# How does the Mark XVIII have a modified ETA?



## bbuckbbuck

Everything I've been reading says the IWC Mark XVIII (18) carries a modified ETA 2892. I guess ETA sends them the ebauche (?) and then they modify it and regulate it at several positions. 

All sounds good, except: 

I was under the impression that ETA stopped supplying movements outside of the Swatch group? Why is IWC able to use the ETA instead of a Selitta clone? Also, didn't the Mark XVII (17) carry a Selitta? So what changed?


----------



## alex-w

Modified ebauche movements are a thing of the past. Official line is "our movements are made to our specs by the supplier", so they should be Top spec grade, but we won't know without a thorough disassembly and comparison. My 3239 with that movement keeps good time, but then you can have a Steinhart or Epos with ETA 2892 for a fraction of the entry IWC.


----------



## mkws

The movement is supplied by Sellita- it's a cal. SW-300, which is a clone of the 2892.


----------



## bbuckbbuck

mkws said:


> The movement is supplied by Sellita- it's a cal. SW-300, which is a clone of the 2892.

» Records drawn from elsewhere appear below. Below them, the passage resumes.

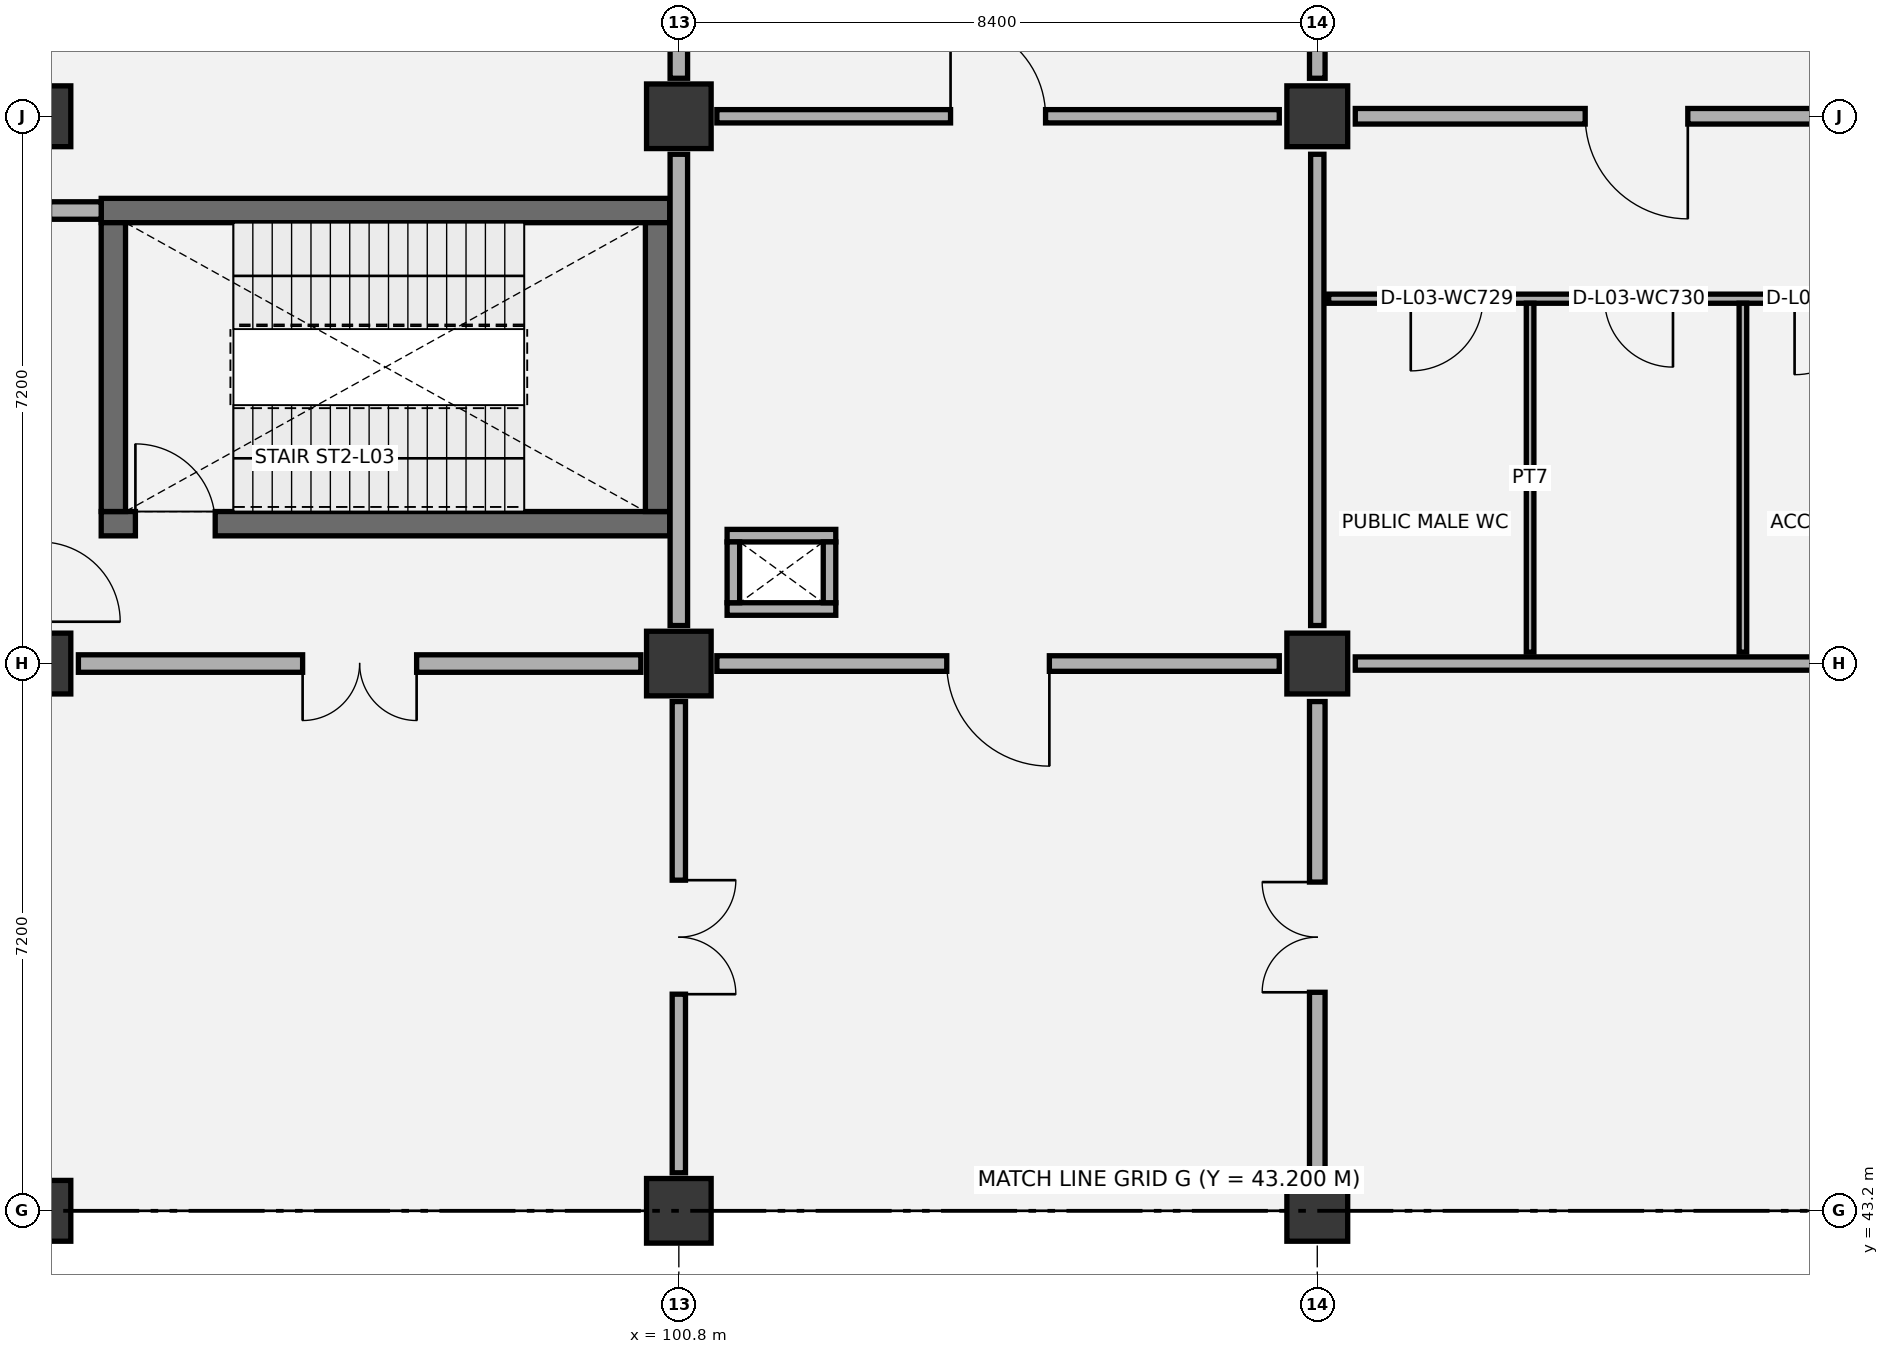
"""IFC4 building model, lengths in metres.
Left out: names, types, materials, properties, quantities, classifications, styles, units other than length and angle.
Written with IfcOpenShell. Run it as: python <this file> out.ifc"""

import sys

from ifc_helpers import new_model, si_unit, direction, frame, frame_2d, origin, origin_2d, place, context, subcontext, project, spatial, rectangle, extrude, element, fill, save


model = new_model("IFC4")
c1 = context("Model", 3, precision=1e-05, world=origin(), true_north=direction((0.0, 1.0)))
c2 = subcontext(c1, "Body", "Model", "MODEL_VIEW")
j1 = project(units=[si_unit("LENGTHUNIT", "METRE"), si_unit("PLANEANGLEUNIT", "RADIAN")], contexts=[c1])
p1 = place(None, origin())
s1 = spatial("IfcSite", under=j1, at=p1, CompositionType="ELEMENT")
p2 = place(p1, origin())
s2 = spatial("IfcBuilding", under=s1, at=p2, CompositionType="ELEMENT")
p3 = place(p2, frame((0.0, 0.0, 16.8)))
s3 = spatial("IfcBuildingStorey", under=s2, at=p3, CompositionType="ELEMENT", Elevation=16.8)
for number, where, z_axis, x_axis in (
    (1, (92.4, 43.2, 0.0), (0.0, 0.0, 1.0), (1.0, 0.0, 0.0)),
    (2, (92.4, 50.4, 0.0), (0.0, 0.0, 1.0), (1.0, 0.0, 0.0)),
    (3, (92.4, 57.6, 0.0), (0.0, 0.0, 1.0), (1.0, 0.0, 0.0)),
):
    element("IfcColumn", number, at=place(p3, frame(where, z_axis=z_axis, x_axis=x_axis)), inside=s3, PredefinedType="COLUMN", context=c2, shape_type="SweptSolid", body=[
        extrude(rectangle(XDim=0.8, YDim=0.8, at=origin_2d()), origin(), (0.0, 0.0, 1.0), 5.4),
    ])
for number, where, z_axis, x_axis in (
    (4, (100.8, 43.2, 0.0), (0.0, 0.0, 1.0), (1.0, 0.0, 0.0)),
    (5, (100.8, 50.4, 0.0), (0.0, 0.0, 1.0), (1.0, 0.0, 0.0)),
    (6, (100.8, 57.6, 0.0), (0.0, 0.0, 1.0), (1.0, 0.0, 0.0)),
):
    element("IfcColumn", number, at=place(p3, frame(where, z_axis=z_axis, x_axis=x_axis)), inside=s3, PredefinedType="COLUMN", context=c2, shape_type="SweptSolid", body=[
        extrude(rectangle(XDim=0.85, YDim=0.85, at=origin_2d()), origin(), (0.0, 0.0, 1.0), 5.4),
    ])
for number, where, z_axis, x_axis in (
    (7, (109.2, 43.2, 0.0), (0.0, 0.0, 1.0), (1.0, 0.0, 0.0)),
    (8, (109.2, 50.4, 0.0), (0.0, 0.0, 1.0), (1.0, 0.0, 0.0)),
    (9, (109.2, 57.6, 0.0), (0.0, 0.0, 1.0), (1.0, 0.0, 0.0)),
):
    element("IfcColumn", number, at=place(p3, frame(where, z_axis=z_axis, x_axis=x_axis)), inside=s3, PredefinedType="COLUMN", context=c2, shape_type="SweptSolid", body=[
        extrude(rectangle(XDim=0.8, YDim=0.8, at=origin_2d()), origin(), (0.0, 0.0, 1.0), 5.4),
    ])
p4 = place(p3, frame((93.2, 52.24, 0.0), z_axis=(0.0, 0.0, 1.0), x_axis=(1.0, 0.0, 0.0)))
e10 = element("IfcWall", 10, at=p4, inside=s3, PredefinedType="SHEAR", context=c2, shape_type="SweptSolid", body=[
    extrude(rectangle(XDim=7.48, YDim=0.32, at=frame_2d((3.74, 0.0))), origin(), (0.0, 0.0, 1.0), 4.95),
])
p5 = place(p4, frame((0.45, 0.0, 0.0)))
e11 = element("IfcOpeningElement", 11, at=p5, cuts=e10, PredefinedType="OPENING", context=c2, shape_type="SweptSolid", body=[
    extrude(rectangle(XDim=1.05, YDim=2.15, at=frame_2d((0.525, 1.075))), frame((0.0, 0.17, 0.0), z_axis=(0.0, -1.0, 0.0), x_axis=(1.0, 0.0, 0.0)), (0.0, 0.0, 1.0), 0.34),
])
p6 = place(p3, frame((93.2, 56.36, 0.0), z_axis=(0.0, 0.0, 1.0), x_axis=(1.0, 0.0, 0.0)))
e12 = element("IfcWall", 12, at=p6, inside=s3, PredefinedType="SHEAR", context=c2, shape_type="SweptSolid", body=[
    extrude(rectangle(XDim=7.48, YDim=0.32, at=frame_2d((3.74, 0.0))), origin(), (0.0, 0.0, 1.0), 4.95),
])
for number, where, z_axis, x_axis in (
    (13, (93.36, 52.4, 0.0), (0.0, 0.0, 1.0), (0.0, 1.0, 0.0)),
    (14, (100.52, 52.4, 0.0), (0.0, 0.0, 1.0), (0.0, 1.0, 0.0)),
):
    element("IfcWall", number, at=place(p3, frame(where, z_axis=z_axis, x_axis=x_axis)), inside=s3, PredefinedType="SHEAR", context=c2, shape_type="SweptSolid", body=[
        extrude(rectangle(XDim=3.8, YDim=0.32, at=frame_2d((1.9, 0.0))), origin(), (0.0, 0.0, 1.0), 4.95),
    ])
for number, where, z_axis, x_axis in (
    (15, (101.435, 51.117, 0.0), (0.0, 0.0, 1.0), (1.0, 0.0, 0.0)),
    (16, (101.435, 52.083, 0.0), (0.0, 0.0, 1.0), (1.0, 0.0, 0.0)),
):
    element("IfcWall", number, at=place(p3, frame(where, z_axis=z_axis, x_axis=x_axis)), inside=s3, PredefinedType="PARTITIONING", context=c2, shape_type="SweptSolid", body=[
        extrude(rectangle(XDim=1.43, YDim=0.165, at=frame_2d((0.715, 0.0))), origin(), (0.0, 0.0, 1.0), 4.825),
    ])
for number, where, z_axis, x_axis in (
    (17, (101.518, 51.2, 0.0), (0.0, 0.0, 1.0), (0.0, 1.0, 0.0)),
    (18, (102.782, 51.2, 0.0), (0.0, 0.0, 1.0), (0.0, 1.0, 0.0)),
):
    element("IfcWall", number, at=place(p3, frame(where, z_axis=z_axis, x_axis=x_axis)), inside=s3, PredefinedType="PARTITIONING", context=c2, shape_type="SweptSolid", body=[
        extrude(rectangle(XDim=0.8, YDim=0.165, at=frame_2d((0.4, 0.0))), origin(), (0.0, 0.0, 1.0), 4.825),
    ])
p7 = place(p3, frame((109.35, 55.2, 0.0), z_axis=(0.0, 0.0, 1.0), x_axis=(1.0, 0.0, 0.0)))
e19 = element("IfcWall", 19, at=p7, inside=s3, PredefinedType="PARTITIONING", context=c2, shape_type="SweptSolid", body=[
    extrude(rectangle(XDim=8.1, YDim=0.12, at=frame_2d((4.05, 0.0))), origin(), (0.0, 0.0, 1.0), 4.95),
])
p8 = place(p7, frame((1.08, 0.0, 0.0)))
e20 = element("IfcOpeningElement", 20, at=p8, cuts=e19, PredefinedType="OPENING", context=c2, shape_type="SweptSolid", body=[
    extrude(rectangle(XDim=0.95, YDim=2.1, at=frame_2d((0.475, 1.05))), frame((0.0, 0.07, 0.0), z_axis=(0.0, -1.0, 0.0), x_axis=(1.0, 0.0, 0.0)), (0.0, 0.0, 1.0), 0.14),
])
p9 = place(p7, frame((3.63, 0.0, 0.0)))
e21 = element("IfcOpeningElement", 21, at=p9, cuts=e19, PredefinedType="OPENING", context=c2, shape_type="SweptSolid", body=[
    extrude(rectangle(XDim=0.9, YDim=2.1, at=frame_2d((0.45, 1.05))), frame((0.0, 0.07, 0.0), z_axis=(0.0, -1.0, 0.0), x_axis=(1.0, 0.0, 0.0)), (0.0, 0.0, 1.0), 0.14),
])
p10 = place(p7, frame((6.13, 0.0, 0.0)))
e22 = element("IfcOpeningElement", 22, at=p10, cuts=e19, PredefinedType="OPENING", context=c2, shape_type="SweptSolid", body=[
    extrude(rectangle(XDim=1.0, YDim=2.1, at=frame_2d((0.5, 1.05))), frame((0.0, 0.07, 0.0), z_axis=(0.0, -1.0, 0.0), x_axis=(1.0, 0.0, 0.0)), (0.0, 0.0, 1.0), 0.14),
])
for number, where, z_axis, x_axis in (
    (23, (112.0, 50.55, 0.0), (0.0, 0.0, 1.0), (0.0, 1.0, 0.0)),
    (24, (114.8, 50.55, 0.0), (0.0, 0.0, 1.0), (0.0, 1.0, 0.0)),
):
    element("IfcWall", number, at=place(p3, frame(where, z_axis=z_axis, x_axis=x_axis)), inside=s3, PredefinedType="PARTITIONING", context=c2, shape_type="SweptSolid", body=[
        extrude(rectangle(XDim=4.59, YDim=0.1, at=frame_2d((2.295, 0.0))), origin(), (0.0, 0.0, 1.0), 4.95),
    ])
p11 = place(p3, frame((100.8, 43.7, 0.0), z_axis=(0.0, 0.0, 1.0), x_axis=(0.0, 1.0, 0.0)))
e25 = element("IfcWall", 25, at=p11, inside=s3, PredefinedType="PARTITIONING", context=c2, shape_type="SweptSolid", body=[
    extrude(rectangle(XDim=6.2, YDim=0.175, at=frame_2d((3.1, 0.0))), origin(), (0.0, 0.0, 1.0), 4.245),
])
p12 = place(p11, frame((2.35, 0.0, 0.0)))
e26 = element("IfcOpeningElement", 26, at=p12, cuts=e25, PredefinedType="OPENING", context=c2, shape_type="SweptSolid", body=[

That's what I thought too. so is Hodinkee wrong? Is their correction wrong?

here's the link from which I pulled this screenshot:
https://www.hodinkee.com/articles/the-iwc-mark-xviii-2


----------



## bbuckbbuck

alex-w said:


> but then you can have a Steinhart or Epos *with ETA* 2892 for a fraction of the entry IWC.


But I thought the whole deal was that ETA had stopped supplying movements to third parties. Since Swatch didn't want to supply movements to competitors.


----------



## Keaman

Guys, the Mark's (XV onwards) are all ETA 2892 based, NOT Sellita. As is the 3239 Ingenieur. They are 30110's. The new Portofino 3 handers however use a Sellita SW300 base movement. They are 35110's. I speak from experience, as I've had a LOT of 2892 based watches, including all the ones I've mentioned. You can tell it's a 2982 due to how solid the hand movement is when you adjust the time. The SW300 however has quite wiggly hand movement, nowhere near as satisfying as the 2892 based movements (that's my experience anyway, someone please correct me if I just had a dodgy one).
_Why _IWC still has access to ETA movements is something I've been very curious about since the whole restricted access thing began. I guess only IWC (and Swatch) will ever know.


----------



## alex-w

They still do, but it's my impression they are more expensive than Sellita for the same product. For me it looks like ETA works hard to stop being treated as a monopoly and purposefully shed market share.


----------



## mkws

That's a bizarre situation- either IWC (or someone in the Richemont Group on IWC's behalf) and the Swatch group have worked out some arrangement behind the scenes, or the gradual restriction of access to ETA movements has IWC somewhere at the end of the line. The Swatch Group supplying to one external client (IWC) is not a state of things that they'd be able to keep for long, not without causing some outrage in the industry, and possibly facing some legal consequences in terms of monopolistic practices, maybe unfair competition (dunno how the Swiss law regulates these two issues). While they still might be ETA, I somehow don't think that that's a state of things that both parties can afford to maintain.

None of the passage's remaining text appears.